這孩子剛當刑警不久,又酷愛抓人,一到這種時候就興奮,見門就想鑽,從偽裝成書架的防盜門裡直接鑽了進去。
他就這樣闖了禍。
劉連旭驚恐地看到,房間裡有幾十個大老爺們在玩百家樂,全部扭過頭來盯著他倆。
接下來,兩位督察問了一個至關重要的問題,為接下來要發起的攻擊埋下伏筆:「你們當時亮身份了嗎?亮明警察身份為什麼他們還敢打你們?」
劉連旭回憶著,當時,門開了以後,小許沒經驗,沒有立馬就亮明身份,而是呆在了門口,還是劉連旭把他拉跑的。

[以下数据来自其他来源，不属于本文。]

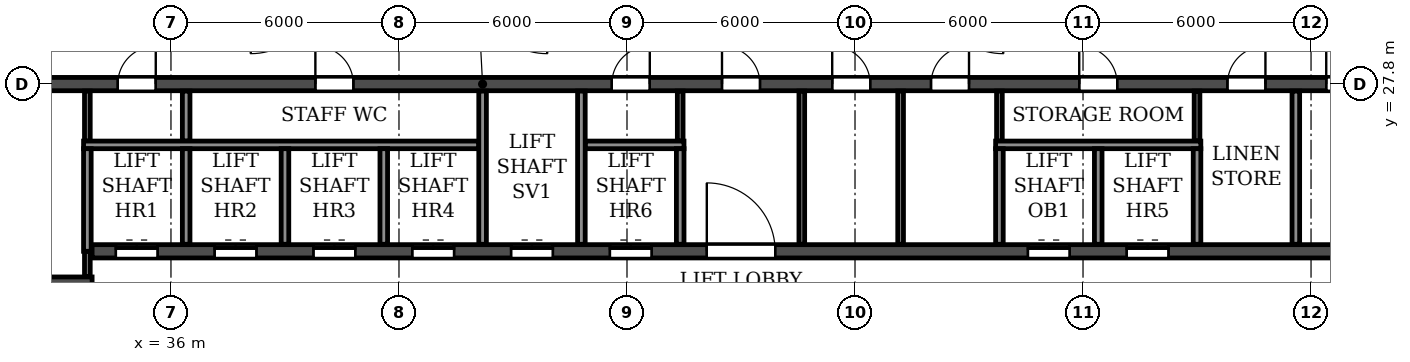
"""IFC4 building model, lengths in metres.
Left out: names, types, materials, properties, quantities, classifications, styles, units other than length and angle.
Written with IfcOpenShell. Run it as: python <this file> out.ifc"""

import sys

from ifc_helpers import new_model, si_unit, direction, frame, frame_2d, origin, place, context, subcontext, project, spatial, rectangle, extrude, element, fill, save


model = new_model("IFC4")
c1 = context("Model", 3, precision=1e-05, world=origin(), true_north=direction((0.0, 1.0)))
c2 = subcontext(c1, "Body", "Model", "MODEL_VIEW")
j1 = project(units=[si_unit("LENGTHUNIT", "METRE"), si_unit("PLANEANGLEUNIT", "RADIAN")], contexts=[c1])
p1 = place(None, origin())
s1 = spatial("IfcSite", under=j1, at=p1, CompositionType="ELEMENT")
p2 = place(p1, origin())
s2 = spatial("IfcBuilding", under=s1, at=p2, CompositionType="ELEMENT")
p3 = place(p2, frame((0.0, 0.0, 261.0)))
s3 = spatial("IfcBuildingStorey", under=s2, at=p3, CompositionType="ELEMENT", Elevation=261.0)
p4 = place(p3, frame((18.2, 27.8, 0.0), z_axis=(0.0, 0.0, 1.0), x_axis=(1.0, 0.0, 0.0)))
e1 = element("IfcWall", 1, at=p4, inside=s3, PredefinedType="SOLIDWALL", context=c2, shape_type="SweptSolid", body=[
    extrude(rectangle(XDim=65.6, YDim=0.35, at=frame_2d((32.8, 0.0))), origin(), (0.0, 0.0, 1.0), 5.7),
])
p5 = place(p4, frame((0.7, 0.0, 0.0)))
e2 = element("IfcOpeningElement", 2, at=p5, cuts=e1, PredefinedType="OPENING", context=c2, shape_type="SweptSolid", body=[
    extrude(rectangle(XDim=1.0, YDim=2.1, at=frame_2d((0.5, 1.05))), frame((0.0, 0.185, 0.0), z_axis=(0.0, -1.0, 0.0), x_axis=(1.0, 0.0, 0.0)), (0.0, 0.0, 1.0), 0.37),
])
p6 = place(p4, frame((4.05, 0.0, 0.0)))
e3 = element("IfcOpeningElement", 3, at=p6, cuts=e1, PredefinedType="OPENING", context=c2, shape_type="SweptSolid", body=[
    extrude(rectangle(XDim=0.9, YDim=2.1, at=frame_2d((0.45, 1.05))), frame((0.0, 0.185, 0.0), z_axis=(0.0, -1.0, 0.0), x_axis=(1.0, 0.0, 0.0)), (0.0, 0.0, 1.0), 0.37),
])
p7 = place(p4, frame((8.65, 0.0, 0.0)))
e4 = element("IfcOpeningElement", 4, at=p7, cuts=e1, PredefinedType="OPENING", context=c2, shape_type="SweptSolid", body=[
    extrude(rectangle(XDim=0.9, YDim=2.1, at=frame_2d((0.45, 1.05))), frame((0.0, 0.185, 0.0), z_axis=(0.0, -1.0, 0.0), x_axis=(1.0, 0.0, 0.0)), (0.0, 0.0, 1.0), 0.37),
])
p8 = place(p4, frame((13.25, 0.0, 0.0)))
e5 = element("IfcOpeningElement", 5, at=p8, cuts=e1, PredefinedType="OPENING", context=c2, shape_type="SweptSolid", body=[
    extrude(rectangle(XDim=0.9, YDim=2.1, at=frame_2d((0.45, 1.05))), frame((0.0, 0.185, 0.0), z_axis=(0.0, -1.0, 0.0), x_axis=(1.0, 0.0, 0.0)), (0.0, 0.0, 1.0), 0.37),
])
p9 = place(p4, frame((16.4, 0.0, 0.0)))
e6 = element("IfcOpeningElement", 6, at=p9, cuts=e1, PredefinedType="OPENING", context=c2, shape_type="SweptSolid", body=[
    extrude(rectangle(XDim=1.0, YDim=2.1, at=frame_2d((0.5, 1.05))), frame((0.0, 0.185, 0.0), z_axis=(0.0, -1.0, 0.0), x_axis=(1.0, 0.0, 0.0)), (0.0, 0.0, 1.0), 0.37),
])
p10 = place(p4, frame((21.6, 0.0, 0.0)))
e7 = element("IfcOpeningElement", 7, at=p10, cuts=e1, PredefinedType="OPENING", context=c2, shape_type="SweptSolid", body=[
    extrude(rectangle(XDim=1.0, YDim=2.1, at=frame_2d((0.5, 1.05))), frame((0.0, 0.185, 0.0), z_axis=(0.0, -1.0, 0.0), x_axis=(1.0, 0.0, 0.0)), (0.0, 0.0, 1.0), 0.37),
])
p11 = place(p4, frame((29.4, 0.0, 0.0)))
e8 = element("IfcOpeningElement", 8, at=p11, cuts=e1, PredefinedType="OPENING", context=c2, shape_type="SweptSolid", body=[
    extrude(rectangle(XDim=1.0, YDim=2.1, at=frame_2d((0.5, 1.05))), frame((0.0, 0.185, 0.0), z_axis=(0.0, -1.0, 0.0), x_axis=(1.0, 0.0, 0.0)), (0.0, 0.0, 1.0), 0.37),
])
p12 = place(p4, frame((32.3, 0.0, 0.0)))
e9 = element("IfcOpeningElement", 9, at=p12, cuts=e1, PredefinedType="OPENING", context=c2, shape_type="SweptSolid", body=[
    extrude(rectangle(XDim=1.0, YDim=2.1, at=frame_2d((0.5, 1.05))), frame((0.0, 0.185, 0.0), z_axis=(0.0, -1.0, 0.0), x_axis=(1.0, 0.0, 0.0)), (0.0, 0.0, 1.0), 0.37),
])
p13 = place(p4, frame((35.2, 0.0, 0.0)))
e10 = element("IfcOpeningElement", 10, at=p13, cuts=e1, PredefinedType="OPENING", context=c2, shape_type="SweptSolid", body=[
    extrude(rectangle(XDim=1.0, YDim=2.1, at=frame_2d((0.5, 1.05))), frame((0.0, 0.185, 0.0), z_axis=(0.0, -1.0, 0.0), x_axis=(1.0, 0.0, 0.0)), (0.0, 0.0, 1.0), 0.37),
])
p14 = place(p4, frame((37.8, 0.0, 0.0)))
e11 = element("IfcOpeningElement", 11, at=p14, cuts=e1, PredefinedType="OPENING", context=c2, shape_type="SweptSolid", body=[
    extrude(rectangle(XDim=1.0, YDim=2.1, at=frame_2d((0.5, 1.05))), frame((0.0, 0.185, 0.0), z_axis=(0.0, -1.0, 0.0), x_axis=(1.0, 0.0, 0.0)), (0.0, 0.0, 1.0), 0.37),
])
p15 = place(p4, frame((41.7, 0.0, 0.0)))
e12 = element("IfcOpeningElement", 12, at=p15, cuts=e1, PredefinedType="OPENING", context=c2, shape_type="SweptSolid", body=[
    extrude(rectangle(XDim=1.0, YDim=2.1, at=frame_2d((0.5, 1.05))), frame((0.0, 0.185, 0.0), z_axis=(0.0, -1.0, 0.0), x_axis=(1.0, 0.0, 0.0)), (0.0, 0.0, 1.0), 0.37),
])
p16 = place(p4, frame((45.6, 0.0, 0.0)))
e13 = element("IfcOpeningElement", 13, at=p16, cuts=e1, PredefinedType="OPENING", context=c2, shape_type="SweptSolid", body=[
    extrude(rectangle(XDim=1.0, YDim=2.1, at=frame_2d((0.5, 1.05))), frame((0.0, 0.185, 0.0), z_axis=(0.0, -1.0, 0.0), x_axis=(1.0, 0.0, 0.0)), (0.0, 0.0, 1.0), 0.37),
])
p17 = place(p4, frame((48.2, 0.0, 0.0)))
e14 = element("IfcOpeningElement", 14, at=p17, cuts=e1, PredefinedType="OPENING", context=c2, shape_type="SweptSolid", body=[
    extrude(rectangle(XDim=1.0, YDim=2.1, at=frame_2d((0.5, 1.05))), frame((0.0, 0.185, 0.0), z_axis=(0.0, -1.0, 0.0), x_axis=(1.0, 0.0, 0.0)), (0.0, 0.0, 1.0), 0.37),
])
p18 = place(p4, frame((51.45, 0.0, 0.0)))
e15 = element("IfcOpeningElement", 15, at=p18, cuts=e1, PredefinedType="OPENING", context=c2, shape_type="SweptSolid", body=[
    extrude(rectangle(XDim=0.9, YDim=2.1, at=frame_2d((0.45, 1.05))), frame((0.0, 0.185, 0.0), z_axis=(0.0, -1.0, 0.0), x_axis=(1.0, 0.0, 0.0)), (0.0, 0.0, 1.0), 0.37),
])
p19 = place(p4, frame((56.05, 0.0, 0.0)))
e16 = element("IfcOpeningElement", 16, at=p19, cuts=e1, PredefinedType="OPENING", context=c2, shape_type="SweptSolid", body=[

後來被毆打時,劉連旭原本記得自己是亮過身份的,但現在面對督察,他也不太確定了。
「如果我當時亮警察證了,他們怎麼可能還敢打我呢?」
最終,劉連旭卡殼了。
靠近床頭那個督察等了一會,然後在筆錄紙上寫下劉連旭此時的表現:「無語」。
而另一位督察,刻意讓沉默停滯了一會,左右看了一眼,好像這不是病房,是審訊室。
很快就要到下班時間了,兩位督察語氣變得不耐煩起來,說話也不再客氣,明顯沒把劉連旭當成自己人。他們打算單刀直入:「那(賭場)裡面有你認識的人沒有?」
這句話一齣,劉連旭愣了一會,他盯著兩個督察,開始大口喘氣。
都說督察看民警的樣子,就和民警看嫌疑人一樣。但劉連旭也沒想到兩個傢伙會往這個方向想:他們這是要把我從案件主辦,變成案件主犯嘛!
警隊裡每個人都記得5年前有樁大案:有個巡警,利用警察的身份,在賭場裡安插線人,最後自己跟過去持槍搶劫。此人被捕時還說純屬誤會,自己也是警察。
現在兩位督查也在懷疑,劉連旭在策劃一場持槍搶劫。否則為什麼一起偷車案,他卻帶著人追到了賭場?而且不確定自己有沒有亮警官證?還讓人打成這樣?
果然,督查窮追不捨,又問起了那把六四手槍的事。
「你們可以去找小許,當時拿槍的時候是他填的單子。」劉連旭沒過腦子地回答。他氣得發抖。
其中一個督察歪著頭,眯著眼睛看了他好久,隔了一會才說:「你不知道嗎?你徒弟許允磐還沒醒呢。」
督察告訴劉連旭,這幾天,小許一直在被搶救,生死未卜。
劉連旭陷入沉默,他還以為徒弟和自己一樣,早已經醒來。他也不明白,一樁被盜車輛的案子,怎麼會鬧成這樣。
兩位督察走後,劉連旭逼迫自己,回想那天到底發生了什麼。
他越是回想,屈辱感越是湧上心頭。他當了20年警察,從沒被哪個混蛋欺負成這樣。